The only way to reach a reliable diagnosis is biopsy. A serum antigen test for As-pergillus galactomannan can support the suspected diagnosis. Even proof of Asper-gillus in pulmonary secretions is an indication of infection, although often dependent on colonization. Chest x-ray is often unremarkable. On HR-CT, pulmonary collections with a halo or cavitating lesions are suspicious for Aspergillosis.

Antimycotic therapy should be started as soon as Aspergillosis is suspected. Every delay significantly worsens the already poor prognosis - do not wait for the microbiological proof from the biopsy! Voriconazole is currently the therapy of choice, as a randomized study showed higher response rates than for amphotericin B (Herbrecht 2002). Voriconazole is given as 2 x 4 mg i.v./kg/day (loading dose 2 x 6 mg/kg on day 1, changing to oral therapy with 2 x 200 mg/day on day 7). It has the advantage of effective penetration into the brain parenchyma (Schwartz 2005), but causes visual disturbances in 20 % and often (reversible) elevation of liver enzymes.
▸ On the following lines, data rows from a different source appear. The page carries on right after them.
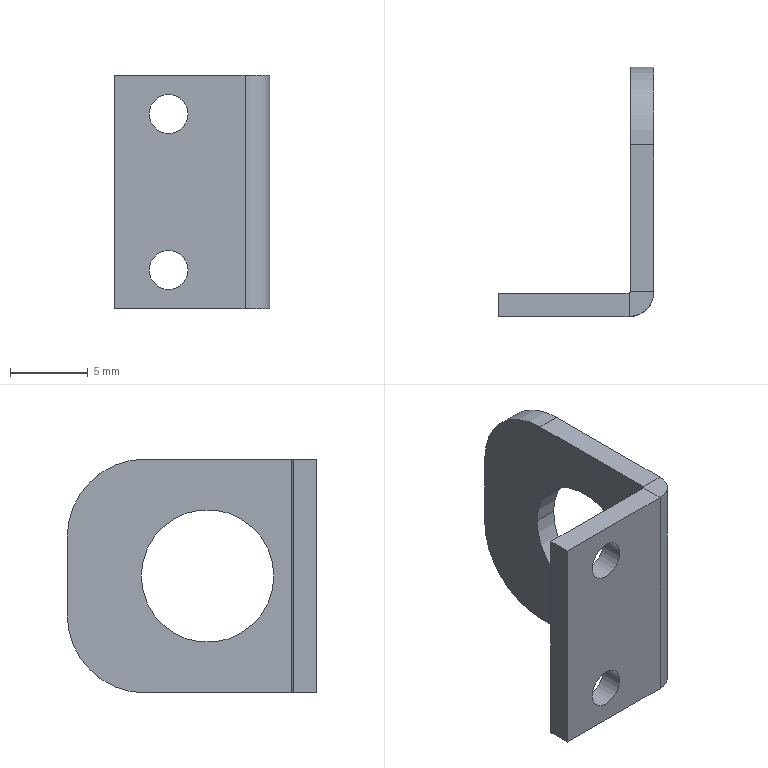Component | SolidWorks | FrontDoorAssembly-1_FrontDoorWelding-1_CustomLockBarGuidePlate-1 | 1 solid | 22 faces | box 10 x 16 x 15 mm | volume 427 mm3 | plane 12 | cylinder 10 | commonest cylinder face diameters 2.5 x4 8.5 x2 10 x2 3.2 x1 0.2 x1
STEP:
#1=CARTESIAN_POINT('',(-37.852,-11.035,14.951));
#2=VERTEX_POINT('',#1);
#3=CARTESIAN_POINT('',(-37.753,-11.035,14.951));
#4=VERTEX_POINT('',#3);
#5=CARTESIAN_POINT('',(-37.803,-11.035,14.951));
#6=DIRECTION('',(-0.,1.,-0.));
#7=DIRECTION('',(1.,0.,0.));
#8=AXIS2_PLACEMENT_3D('',#5,#6,#7);
#9=CIRCLE('',#8,0.04921);
#10=EDGE_CURVE('',#2,#4,#9,.T.);
#11=ORIENTED_EDGE('',*,*,#10,.F.);
#12=CARTESIAN_POINT('',(-37.852,-10.976,14.951));
#13=VERTEX_POINT('',#12);
#14=CARTESIAN_POINT('',(-37.852,-11.37,14.951));
#15=DIRECTION('',(-0.,1.,-0.));
#16=VECTOR('',#15,39.37);
#17=LINE('',#14,#16);
#18=EDGE_CURVE('',#2,#13,#17,.T.);
#19=ORIENTED_EDGE('',*,*,#18,.T.);
#20=CARTESIAN_POINT('',(-37.753,-10.976,14.951));
#21=VERTEX_POINT('',#20);
#22=CARTESIAN_POINT('',(-37.803,-10.976,14.951));
#23=DIRECTION('',(-0.,1.,-0.));
#24=DIRECTION('',(-1.,0.,0.));
#25=AXIS2_PLACEMENT_3D('',#22,#23,#24);
#26=CIRCLE('',#25,0.04921);
#27=EDGE_CURVE('',#13,#21,#26,.T.);
#28=ORIENTED_EDGE('',*,*,#27,.T.);
#29=CARTESIAN_POINT('',(-37.753,-11.37,14.951));
#30=DIRECTION('',(-0.,1.,-0.));
#31=VECTOR('',#30,39.37);
#32=LINE('',#29,#31);
#33=EDGE_CURVE('',#4,#21,#32,.T.);
#34=ORIENTED_EDGE('',*,*,#33,.F.);
#35=EDGE_LOOP('',(#11,#19,#28,#34));
#36=FACE_OUTER_BOUND('',#35,.T.);
#37=CARTESIAN_POINT('',(-37.803,-11.37,14.951));
#38=DIRECTION('',(-0.,1.,-0.));
#39=DIRECTION('',(1.,0.,0.));
#40=AXIS2_PLACEMENT_3D('',#37,#38,#39);
#41=CYLINDRICAL_SURFACE('',#40,0.04921);
#42=ADVANCED_FACE('',(#36),#41,.F.);
#43=CARTESIAN_POINT('',(-37.852,-11.035,14.557));
#44=VERTEX_POINT('',#43);
#45=CARTESIAN_POINT('',(-37.753,-11.035,14.557));
#46=VERTEX_POINT('',#45);
#47=CARTESIAN_POINT('',(-37.803,-11.035,14.557));
#48=DIRECTION('',(-0.,1.,-0.));
#49=DIRECTION('',(1.,0.,0.));
#50=AXIS2_PLACEMENT_3D('',#47,#48,#49);
#51=CIRCLE('',#50,0.04921);
#52=EDGE_CURVE('',#44,#46,#51,.T.);
#53=ORIENTED_EDGE('',*,*,#52,.F.);
#54=CARTESIAN_POINT('',(-37.852,-10.976,14.557));
#55=VERTEX_POINT('',#54);
#56=CARTESIAN_POINT('',(-37.852,-11.37,14.557));
#57=DIRECTION('',(-0.,1.,-0.));
#58=VECTOR('',#57,39.37);
#59=LINE('',#56,#58);
#60=EDGE_CURVE('',#44,#55,#59,.T.);
#61=ORIENTED_EDGE('',*,*,#60,.T.);
#62=CARTESIAN_POINT('',(-37.753,-10.976,14.557));
#63=VERTEX_POINT('',#62);
#64=CARTESIAN_POINT('',(-37.803,-10.976,14.557));
#65=DIRECTION('',(-0.,1.,-0.));
#66=DIRECTION('',(1.,0.,0.));
#67=AXIS2_PLACEMENT_3D('',#64,#65,#66);
#68=CIRCLE('',#67,0.04921);
#69=EDGE_CURVE('',#55,#63,#68,.T.);
#70=ORIENTED_EDGE('',*,*,#69,.T.);
#71=CARTESIAN_POINT('',(-37.753,-11.37,14.557));
#72=DIRECTION('',(-0.,1.,-0.));
#73=VECTOR('',#72,39.37);
#74=LINE('',#71,#73);
#75=EDGE_CURVE('',#46,#63,#74,.T.);
#76=ORIENTED_EDGE('',*,*,#75,.F.);
#77=EDGE_LOOP('',(#53,#61,#70,#76));
#78=FACE_OUTER_BOUND('',#77,.T.);
#79=CARTESIAN_POINT('',(-37.803,-11.37,14.557));
#80=DIRECTION('',(-0.,1.,-0.));
#81=DIRECTION('',(1.,0.,0.));
#82=AXIS2_PLACEMENT_3D('',#79,#80,#81);
#83=CYLINDRICAL_SURFACE('',#82,0.04921);
#84=ADVANCED_FACE('',(#78),#83,.F.);
#85=CARTESIAN_POINT('',(-37.547,-10.927,14.754));
#86=VERTEX_POINT('',#85);
#87=CARTESIAN_POINT('',(-37.547,-10.592,14.754));
#88=VERTEX_POINT('',#87);
#89=CARTESIAN_POINT('',(-37.547,-10.76,14.754));
#90=DIRECTION('',(-1.,0.,0.));
#91=DIRECTION('',(0.,1.,0.));
#92=AXIS2_PLACEMENT_3D('',#89,#90,#91);
#93=CIRCLE('',#92,0.1673);
#94=EDGE_CURVE('',#86,#88,#93,.T.);
#95=ORIENTED_EDGE('',*,*,#94,.F.);
#96=CARTESIAN_POINT('',(-37.606,-10.927,14.754));
#97=VERTEX_POINT('',#96);
#98=CARTESIAN_POINT('',(-37.212,-10.927,14.754));
#99=DIRECTION('',(-1.,0.,0.));
#100=VECTOR('',#99,39.37);
#101=LINE('',#98,#100);
#102=EDGE_CURVE('',#86,#97,#101,.T.);
#103=ORIENTED_EDGE('',*,*,#102,.T.);
#104=CARTESIAN_POINT('',(-37.606,-10.592,14.754));
#105=VERTEX_POINT('',#104);
#106=CARTESIAN_POINT('',(-37.606,-10.76,14.754));
#107=DIRECTION('',(-1.,0.,0.));
#108=DIRECTION('',(0.,1.,0.));
#109=AXIS2_PLACEMENT_3D('',#106,#107,#108);
#110=CIRCLE('',#109,0.1673);
#111=EDGE_CURVE('',#97,#105,#110,.T.);
#112=ORIENTED_EDGE('',*,*,#111,.T.);
#113=CARTESIAN_POINT('',(-37.212,-10.592,14.754));
#114=DIRECTION('',(-1.,0.,0.));
#115=VECTOR('',#114,39.37);
#116=LINE('',#113,#115);
#117=EDGE_CURVE('',#88,#105,#116,.T.);
#118=ORIENTED_EDGE('',*,*,#117,.F.);
#119=EDGE_LOOP('',(#95,#103,#112,#118));
#120=FACE_OUTER_BOUND('',#119,.T.);
#121=CARTESIAN_POINT('',(-37.212,-10.76,14.754));
#122=DIRECTION('',(-1.,0.,0.));
#123=DIRECTION('',(0.,1.,0.));
#124=AXIS2_PLACEMENT_3D('',#121,#122,#123);
#125=CYLINDRICAL_SURFACE('',#124,0.1673);
#126=ADVANCED_FACE('',(#120),#125,.F.);
#127=CARTESIAN_POINT('',(-37.547,-10.972,15.049));
#128=VERTEX_POINT('',#127);
#129=CARTESIAN_POINT('',(-37.547,-10.602,15.049));
#130=VERTEX_POINT('',#129);
#131=CARTESIAN_POINT('',(-37.547,-10.405,15.049));
#132=DIRECTION('',(0.,1.,-0.));
#133=VECTOR('',#132,39.37);
#134=LINE('',#131,#133);
#135=EDGE_CURVE('',#128,#130,#134,.T.);
#136=ORIENTED_EDGE('',*,*,#135,.T.);
#137=CARTESIAN_POINT('',(-37.606,-10.602,15.049));
#138=VERTEX_POINT('',#137);
#139=CARTESIAN_POINT('',(-37.547,-10.602,15.049));
#140=DIRECTION('',(-1.,0.,0.));
#141=VECTOR('',#140,39.37);
#142=LINE('',#139,#141);
#143=EDGE_CURVE('',#130,#138,#142,.T.);
#144=ORIENTED_EDGE('',*,*,#143,.T.);
#145=CARTESIAN_POINT('',(-37.606,-10.972,15.049));
#146=VERTEX_POINT('',#145);
#147=CARTESIAN_POINT('',(-37.606,-10.405,15.049));
#148=DIRECTION('',(0.,1.,-0.));
#149=VECTOR('',#148,39.37);
#150=LINE('',#147,#149);
#151=EDGE_CURVE('',#146,#138,#150,.T.);
#152=ORIENTED_EDGE('',*,*,#151,.F.);
#153=CARTESIAN_POINT('',(-37.606,-10.972,15.049));
#154=DIRECTION('',(1.,-0.,-0.));
#155=VECTOR('',#154,39.37);
#156=LINE('',#153,#155);
#157=EDGE_CURVE('',#146,#128,#156,.T.);
#158=ORIENTED_EDGE('',*,*,#157,.T.);
#159=EDGE_LOOP('',(#136,#144,#152,#158));
#160=FACE_OUTER_BOUND('',#159,.T.);
#161=CARTESIAN_POINT('',(-37.547,-10.405,15.049));
#162=DIRECTION('',(0.,0.,1.));
#163=DIRECTION('',(0.,1.,-0.));
#164=AXIS2_PLACEMENT_3D('',#161,#162,#163);
#165=PLANE('',#164);
#166=ADVANCED_FACE('',(#160),#165,.T.);
#167=CARTESIAN_POINT('',(-37.547,-10.76,14.754));
#168=DIRECTION('',(-1.,0.,0.));
#169=DIRECTION('',(0.,1.,0.));
#170=AXIS2_PLACEMENT_3D('',#167,#168,#169);
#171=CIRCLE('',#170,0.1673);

Amphotericin B is the alternative to voriconazole, although its inferiority is doubted by some authors (Jorgensen 2006). In cases of intolerance, contraindications or therapeutic failure, liposomal amphotericin B, capsofungin, posaconazole or high dose itraconazole can be considered. Systemic steroid therapy should be discontinued.


1. Umfassende √úbersicht: Aspergillose - Stand des Wissens zu Diagnose, Therapie; Umweltbedingungen:

2. Herbrecht R, Denning DW, Patterson TF, et al. Voriconazole versus amphotericin B for primary therapy of invasive aspergillosis. N Engl J Med 2002, 347:408-15.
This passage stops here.